The depletion at Cantarell is largely attributable to the decrease in the Akal-Nohoch project, which produced up to 2.4 million bpd in 2004, but less than 500,000 bpd in November 2009. KMZ has partially offset this decrease and has become Mexico’s most important crude oil producer, with more than 800,000 bpd and the greatest proved reserves of all Pemex projects. KMZ and Cantarell account for 55% of crude oil production in Mexico.
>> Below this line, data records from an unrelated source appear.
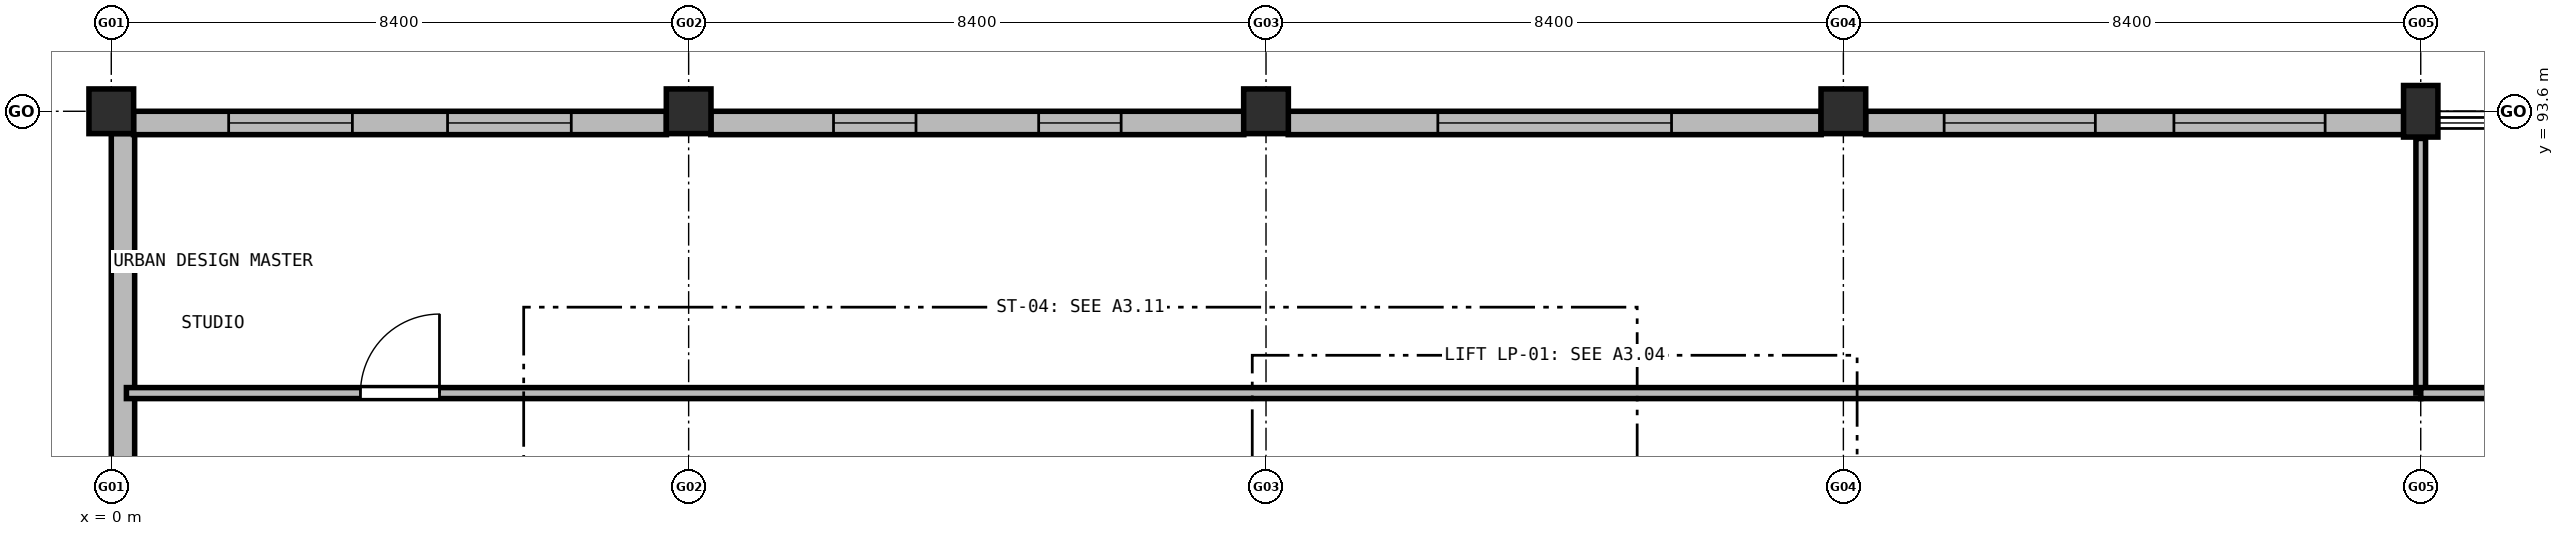
"""IFC4 building model, lengths in metres.
Left out: names, types, materials, properties, quantities, classifications, styles, units other than length and angle.
Written with IfcOpenShell. Run it as: python <this file> out.ifc"""

import sys

from ifc_helpers import new_model, si_unit, direction, frame, frame_2d, origin, origin_2d, place, context, subcontext, project, spatial, rectangle, extrude, element, fill, save


model = new_model("IFC4")
c1 = context("Model", 3, precision=1e-05, world=origin(), true_north=direction((0.0, 1.0)))
c2 = subcontext(c1, "Body", "Model", "MODEL_VIEW")
j1 = project(units=[si_unit("LENGTHUNIT", "METRE"), si_unit("PLANEANGLEUNIT", "RADIAN")], contexts=[c1])
p1 = place(None, origin())
s1 = spatial("IfcSite", under=j1, at=p1, CompositionType="ELEMENT")
p2 = place(p1, origin())
s2 = spatial("IfcBuilding", under=s1, at=p2, CompositionType="ELEMENT")
p3 = place(p2, frame((0.0, 0.0, 9.3)))
s3 = spatial("IfcBuildingStorey", under=s2, at=p3, CompositionType="ELEMENT", Elevation=9.3)
for number, where, z_axis, x_axis in (
    (1, (0.0, 93.6, 0.0), (0.0, 0.0, 1.0), (1.0, 0.0, 0.0)),
    (2, (8.4, 93.6, 0.0), (0.0, 0.0, 1.0), (1.0, 0.0, 0.0)),
    (3, (16.8, 93.6, 0.0), (0.0, 0.0, 1.0), (1.0, 0.0, 0.0)),
    (4, (25.2, 93.6, 0.0), (0.0, 0.0, 1.0), (1.0, 0.0, 0.0)),
):
    element("IfcColumn", number, at=place(p3, frame(where, z_axis=z_axis, x_axis=x_axis)), inside=s3, PredefinedType="COLUMN", context=c2, shape_type="SweptSolid", body=[
        extrude(rectangle(XDim=0.65, YDim=0.65, at=origin_2d()), origin(), (0.0, 0.0, 1.0), 4.2),
    ])
p4 = place(p3, frame((33.6, 93.6, 0.0), z_axis=(0.0, 0.0, 1.0), x_axis=(1.0, 0.0, 0.0)))
e5 = element("IfcColumn", 5, at=p4, inside=s3, PredefinedType="COLUMN", context=c2, shape_type="SweptSolid", body=[
    extrude(rectangle(XDim=0.5, YDim=0.75, at=origin_2d()), origin(), (0.0, 0.0, 1.0), 4.2),
])
p5 = place(p3, frame((0.17, 86.723, 0.0), z_axis=(0.0, 0.0, 1.0), x_axis=(0.0, 1.0, 0.0)))
e6 = element("IfcWall", 6, at=p5, inside=s3, PredefinedType="SOLIDWALL", context=c2, shape_type="SweptSolid", body=[
    extrude(rectangle(XDim=6.554, YDim=0.34, at=frame_2d((3.277, 0.0))), origin(), (0.0, 0.0, 1.0), 3.33),
])
p6 = place(p3, frame((0.323, 93.43, 0.0), z_axis=(0.0, 0.0, 1.0), x_axis=(1.0, 0.0, 0.0)))
e7 = element("IfcWall", 7, at=p6, inside=s3, PredefinedType="SOLIDWALL", context=c2, shape_type="SweptSolid", body=[
    extrude(rectangle(XDim=7.754, YDim=0.34, at=frame_2d((3.877, 0.0))), origin(), (0.0, 0.0, 1.0), 3.18),
])
p7 = place(p6, frame((1.385, 0.0, 0.95)))
e8 = element("IfcOpeningElement", 8, at=p7, cuts=e7, PredefinedType="OPENING", context=c2, shape_type="SweptSolid", body=[
    extrude(rectangle(XDim=1.8, YDim=1.5, at=frame_2d((0.9, 0.75))), frame((0.0, 0.18, 0.0), z_axis=(0.0, -1.0, 0.0), x_axis=(1.0, 0.0, 0.0)), (0.0, 0.0, 1.0), 0.36),
])
p8 = place(p6, frame((4.569, 0.0, 0.95)))
e9 = element("IfcOpeningElement", 9, at=p8, cuts=e7, PredefinedType="OPENING", context=c2, shape_type="SweptSolid", body=[
    extrude(rectangle(XDim=1.8, YDim=1.5, at=frame_2d((0.9, 0.75))), frame((0.0, 0.18, 0.0), z_axis=(0.0, -1.0, 0.0), x_axis=(1.0, 0.0, 0.0)), (0.0, 0.0, 1.0), 0.36),
])
p9 = place(p3, frame((8.723, 93.43, 0.0), z_axis=(0.0, 0.0, 1.0), x_axis=(1.0, 0.0, 0.0)))
e10 = element("IfcWall", 10, at=p9, inside=s3, PredefinedType="SOLIDWALL", context=c2, shape_type="SweptSolid", body=[
    extrude(rectangle(XDim=7.754, YDim=0.34, at=frame_2d((3.877, 0.0))), origin(), (0.0, 0.0, 1.0), 3.18),
])
p10 = place(p9, frame((1.785, 0.0, 0.95)))
e11 = element("IfcOpeningElement", 11, at=p10, cuts=e10, PredefinedType="OPENING", context=c2, shape_type="SweptSolid", body=[
    extrude(rectangle(XDim=1.2, YDim=1.4, at=frame_2d((0.6, 0.7))), frame((0.0, 0.18, 0.0), z_axis=(0.0, -1.0, 0.0), x_axis=(1.0, 0.0, 0.0)), (0.0, 0.0, 1.0), 0.36),
])
p11 = place(p9, frame((4.769, 0.0, 0.95)))
e12 = element("IfcOpeningElement", 12, at=p11, cuts=e10, PredefinedType="OPENING", context=c2, shape_type="SweptSolid", body=[
    extrude(rectangle(XDim=1.2, YDim=1.4, at=frame_2d((0.6, 0.7))), frame((0.0, 0.18, 0.0), z_axis=(0.0, -1.0, 0.0), x_axis=(1.0, 0.0, 0.0)), (0.0, 0.0, 1.0), 0.36),
])
p12 = place(p3, frame((17.123, 93.43, 0.0), z_axis=(0.0, 0.0, 1.0), x_axis=(1.0, 0.0, 0.0)))
e13 = element("IfcWall", 13, at=p12, inside=s3, PredefinedType="SOLIDWALL", context=c2, shape_type="SweptSolid", body=[
    extrude(rectangle(XDim=7.754, YDim=0.34, at=frame_2d((3.877, 0.0))), origin(), (0.0, 0.0, 1.0), 3.18),
])
p13 = place(p12, frame((2.177, 0.0, 0.95)))
e14 = element("IfcOpeningElement", 14, at=p13, cuts=e13, PredefinedType="OPENING", context=c2, shape_type="SweptSolid", body=[
    extrude(rectangle(XDim=3.4, YDim=1.8, at=frame_2d((1.7, 0.9))), frame((0.0, 0.18, 0.0), z_axis=(0.0, -1.0, 0.0), x_axis=(1.0, 0.0, 0.0)), (0.0, 0.0, 1.0), 0.36),
])
p14 = place(p3, frame((25.523, 93.43, 0.0), z_axis=(0.0, 0.0, 1.0), x_axis=(1.0, 0.0, 0.0)))
e15 = element("IfcWall", 15, at=p14, inside=s3, PredefinedType="SOLIDWALL", context=c2, shape_type="SweptSolid", body=[
    extrude(rectangle(XDim=7.829, YDim=0.34, at=frame_2d((3.915, 0.0))), origin(), (0.0, 0.0, 1.0), 3.18),
])
p15 = place(p14, frame((1.143, 0.0, 0.95)))
e16 = element("IfcOpeningElement", 16, at=p15, cuts=e15, PredefinedType="OPENING", context=c2, shape_type="SweptSolid", body=[
    extrude(rectangle(XDim=2.2, YDim=1.7, at=frame_2d((1.1, 0.85))), frame((0.0, 0.18, 0.0), z_axis=(0.0, -1.0, 0.0), x_axis=(1.0, 0.0, 0.0)), (0.0, 0.0, 1.0), 0.36),
])
p16 = place(p14, frame((4.486, 0.0, 0.95)))
e17 = element("IfcOpeningElement", 17, at=p16, cuts=e15, PredefinedType="OPENING", context=c2, shape_type="SweptSolid", body=[
    extrude(rectangle(XDim=2.2, YDim=1.7, at=frame_2d((1.1, 0.85))), frame((0.0, 0.18, 0.0), z_axis=(0.0, -1.0, 0.0), x_axis=(1.0, 0.0, 0.0)), (0.0, 0.0, 1.0), 0.36),
])
p17 = place(p3, frame((0.22, 89.5, 0.0), z_axis=(0.0, 0.0, 1.0), x_axis=(1.0, 0.0, 0.0)))
e18 = element("IfcWall", 18, at=p17, inside=s3, PredefinedType="PARTITIONING", context=c2, shape_type="SweptSolid", body=[
    extrude(rectangle(XDim=33.38, YDim=0.16, at=frame_2d((16.69, 0.0))), origin(), (0.0, 0.0, 1.0), 3.325),
])
p18 = place(p17, frame((3.405, 0.0, 0.0)))
e19 = element("IfcOpeningElement", 19, at=p18, cuts=e18, PredefinedType="OPENING", context=c2, shape_type="SweptSolid", body=[
    extrude(rectangle(XDim=1.15, YDim=2.15, at=frame_2d((0.575, 1.075))), frame((0.0, 0.09, 0.0), z_axis=(0.0, -1.0, 0.0), x_axis=(1.0, 0.0, 0.0)), (0.0, 0.0, 1.0), 0.18),
])
p19 = place(p3, frame((33.6, 89.5, 0.0), z_axis=(0.0, 0.0, 1.0), x_axis=(0.0, 1.0, 0.0)))
e20 = element("IfcWall", 20, at=p19, inside=s3, PredefinedType="PARTITIONING", context=c2, shape_type="SweptSolid", body=[
    extrude(rectangle(XDim=3.705, YDim=0.14, at=frame_2d((1.853, 0.0))), origin(), (0.0, 0.0, 1.0), 3.175),
])
p20 = place(p3, frame((33.6, 89.5, 0.0), z_axis=(0.0, 0.0, 1.0), x_axis=(1.0, 0.0, 0.0)))
e21 = element("IfcWall", 21, at=p20, inside=s3, PredefinedType="PARTITIONING", context=c2, shape_type="SweptSolid", body=[
    extrude(rectangle(XDim=33.6, YDim=0.16, at=frame_2d((16.8, 0.0))), origin(), (0.0, 0.0, 1.0), 3.325),
])
p21 = place(p20, frame((3.375, 0.0, 0.0)))
e22 = element("IfcOpeningElement", 22, at=p21, cuts=e21, PredefinedType="OPENING", context=c2, shape_type="SweptSolid", body=[
    extrude(rectangle(XDim=1.65, YDim=2.2, at=frame_2d((0.825, 1.1))), frame((0.0, 0.09, 0.0), z_axis=(0.0, -1.0, 0.0), x_axis=(1.0, 0.0, 0.0)), (0.0, 0.0, 1.0), 0.18),
])
p22 = place(p7, origin())
e23 = element("IfcWindow", 23, at=p22, inside=s3, PartitioningType="SINGLE_PANEL", PredefinedType="WINDOW", context=c2, shape_type="SweptSolid", body=[
    extrude(rectangle(XDim=1.8, YDim=1.5, at=frame_2d((0.9, 0.75))), frame((0.0, 0.03, 0.0), z_axis=(0.0, -1.0, 0.0), x_axis=(1.0, 0.0, 0.0)), (0.0, 0.0, 1.0), 0.06),
])
fill(e8, e23)
p23 = place(p8, origin())
e24 = element("IfcWindow", 24, at=p23, inside=s3, PartitioningType="SINGLE_PANEL", PredefinedType="WINDOW", context=c2, shape_type="SweptSolid", body=[
    extrude(rectangle(XDim=1.8, YDim=1.5, at=frame_2d((0.9, 0.75))), frame((0.0, 0.03, 0.0), z_axis=(0.0, -1.0, 0.0), x_axis=(1.0, 0.0, 0.0)), (0.0, 0.0, 1.0), 0.06),
])
fill(e9, e24)
p24 = place(p10, origin())
e25 = element("IfcWindow", 25, at=p24, inside=s3, PartitioningType="SINGLE_PANEL", PredefinedType="WINDOW", context=c2, shape_type="SweptSolid", body=[
    extrude(rectangle(XDim=1.2, YDim=1.4, at=frame_2d((0.6, 0.7))), frame((0.0, 0.03, 0.0), z_axis=(0.0, -1.0, 0.0), x_axis=(1.0, 0.0, 0.0)), (0.0, 0.0, 1.0), 0.06),
])
fill(e11, e25)
p25 = place(p11, origin())
e26 = element("IfcWindow", 26, at=p25, inside=s3, PartitioningType="SINGLE_PANEL", PredefinedType="WINDOW", context=c2, shape_type="SweptSolid", body=[
    extrude(rectangle(XDim=1.2, YDim=1.4, at=frame_2d((0.6, 0.7))), frame((0.0, 0.03, 0.0), z_axis=(0.0, -1.0, 0.0), x_axis=(1.0, 0.0, 0.0)), (0.0, 0.0, 1.0), 0.06),
])
fill(e12, e26)
p26 = place(p13, origin())
e27 = element("IfcWindow", 27, at=p26, inside=s3, PartitioningType="SINGLE_PANEL", PredefinedType="WINDOW", context=c2, shape_type="SweptSolid", body=[
    extrude(rectangle(XDim=3.4, YDim=1.8, at=frame_2d((1.7, 0.9))), frame((0.0, 0.03, 0.0), z_axis=(0.0, -1.0, 0.0), x_axis=(1.0, 0.0, 0.0)), (0.0, 0.0, 1.0), 0.06),
])
fill(e14, e27)
p27 = place(p15, origin())
e28 = element("IfcWindow", 28, at=p27, inside=s3, PartitioningType="SINGLE_PANEL", PredefinedType="WINDOW", context=c2, shape_type="SweptSolid", body=[
    extrude(rectangle(XDim=2.2, YDim=1.7, at=frame_2d((1.1, 0.85))), frame((0.0, 0.03, 0.0), z_axis=(0.0, -1.0, 0.0), x_axis=(1.0, 0.0, 0.0)), (0.0, 0.0, 1.0), 0.06),
])
fill(e16, e28)
p28 = place(p16, origin())
e29 = element("IfcWindow", 29, at=p28, inside=s3, PartitioningType="SINGLE_PANEL", PredefinedType="WINDOW", context=c2, shape_type="SweptSolid", body=[
    extrude(rectangle(XDim=2.2, YDim=1.7, at=frame_2d((1.1, 0.85))), frame((0.0, 0.03, 0.0), z_axis=(0.0, -1.0, 0.0), x_axis=(1.0, 0.0, 0.0)), (0.0, 0.0, 1.0), 0.06),
])
fill(e17, e29)
p29 = place(p18, origin())
e30 = element("IfcDoor", 30, at=p29, inside=s3, OperationType="SINGLE_SWING_RIGHT", PredefinedType="DOOR", context=c2, shape_type="SweptSolid", body=[
    extrude(rectangle(XDim=1.15, YDim=2.15, at=frame_2d((0.575, 1.075))), frame((0.0, 0.025, 0.0), z_axis=(0.0, -1.0, 0.0), x_axis=(1.0, 0.0, 0.0)), (0.0, 0.0, 1.0), 0.05),
])
fill(e19, e30)
save(model, sys.argv[1])

The Southwestern Marine region contributes 20% of total crude output, and has increased its production by 129,000 bpd from 2004 to 2009. The Southern region contributed an additional 20% of total crude oil production. To increase the recovery factor in some important projects, such as Antonio J. Bermúdez, Delta del Grijalva and Jujo-Tecomiacán, Pemex is drilling additional wells and implementing pressure maintenance programs. This strategy has been partially successful, in that it has avoided output reductions at these fields. The Northern region, mainly dependent on the success of ATG, produces the rest of Mexico’s crude oil.
As for Mexico’s gas output, 64% of it is associated and 36% non-associated. Associated gas production increased in 2009 in the Southern and Marine regions, particularly in the Litoral Tabasco, KMZ and Macuspana business units. Burgos and Veracruz, in the North, contributed 59% and 32% of the total non-associated gas, respectively, despite a 27% reduction in output from three of the most important fields.
Pemex needs to make significant capital expenditures to maintain its current production levels and to increase its proved reserves. In the current market context, high oil prices could be a favorable factor to support the growth program at least in the next three years. The Mexican government maintains healthy finances that are supported by the available funds in the Stabilization for Pemex Investment in Infrastructure Trust and the Oil Revenue Stabilization Fund. And with the implementation of the 2008 energy reform, the company has reached some independence from the government in its decision process, in particular through the influence of the four new professional independent board members.
In the political arena, it is safe to state that no additional changes are expected in the Mexican legal framework at least until after the 2012 presidential elections, because the energy sector will not be a priority in the agendas of the political parties.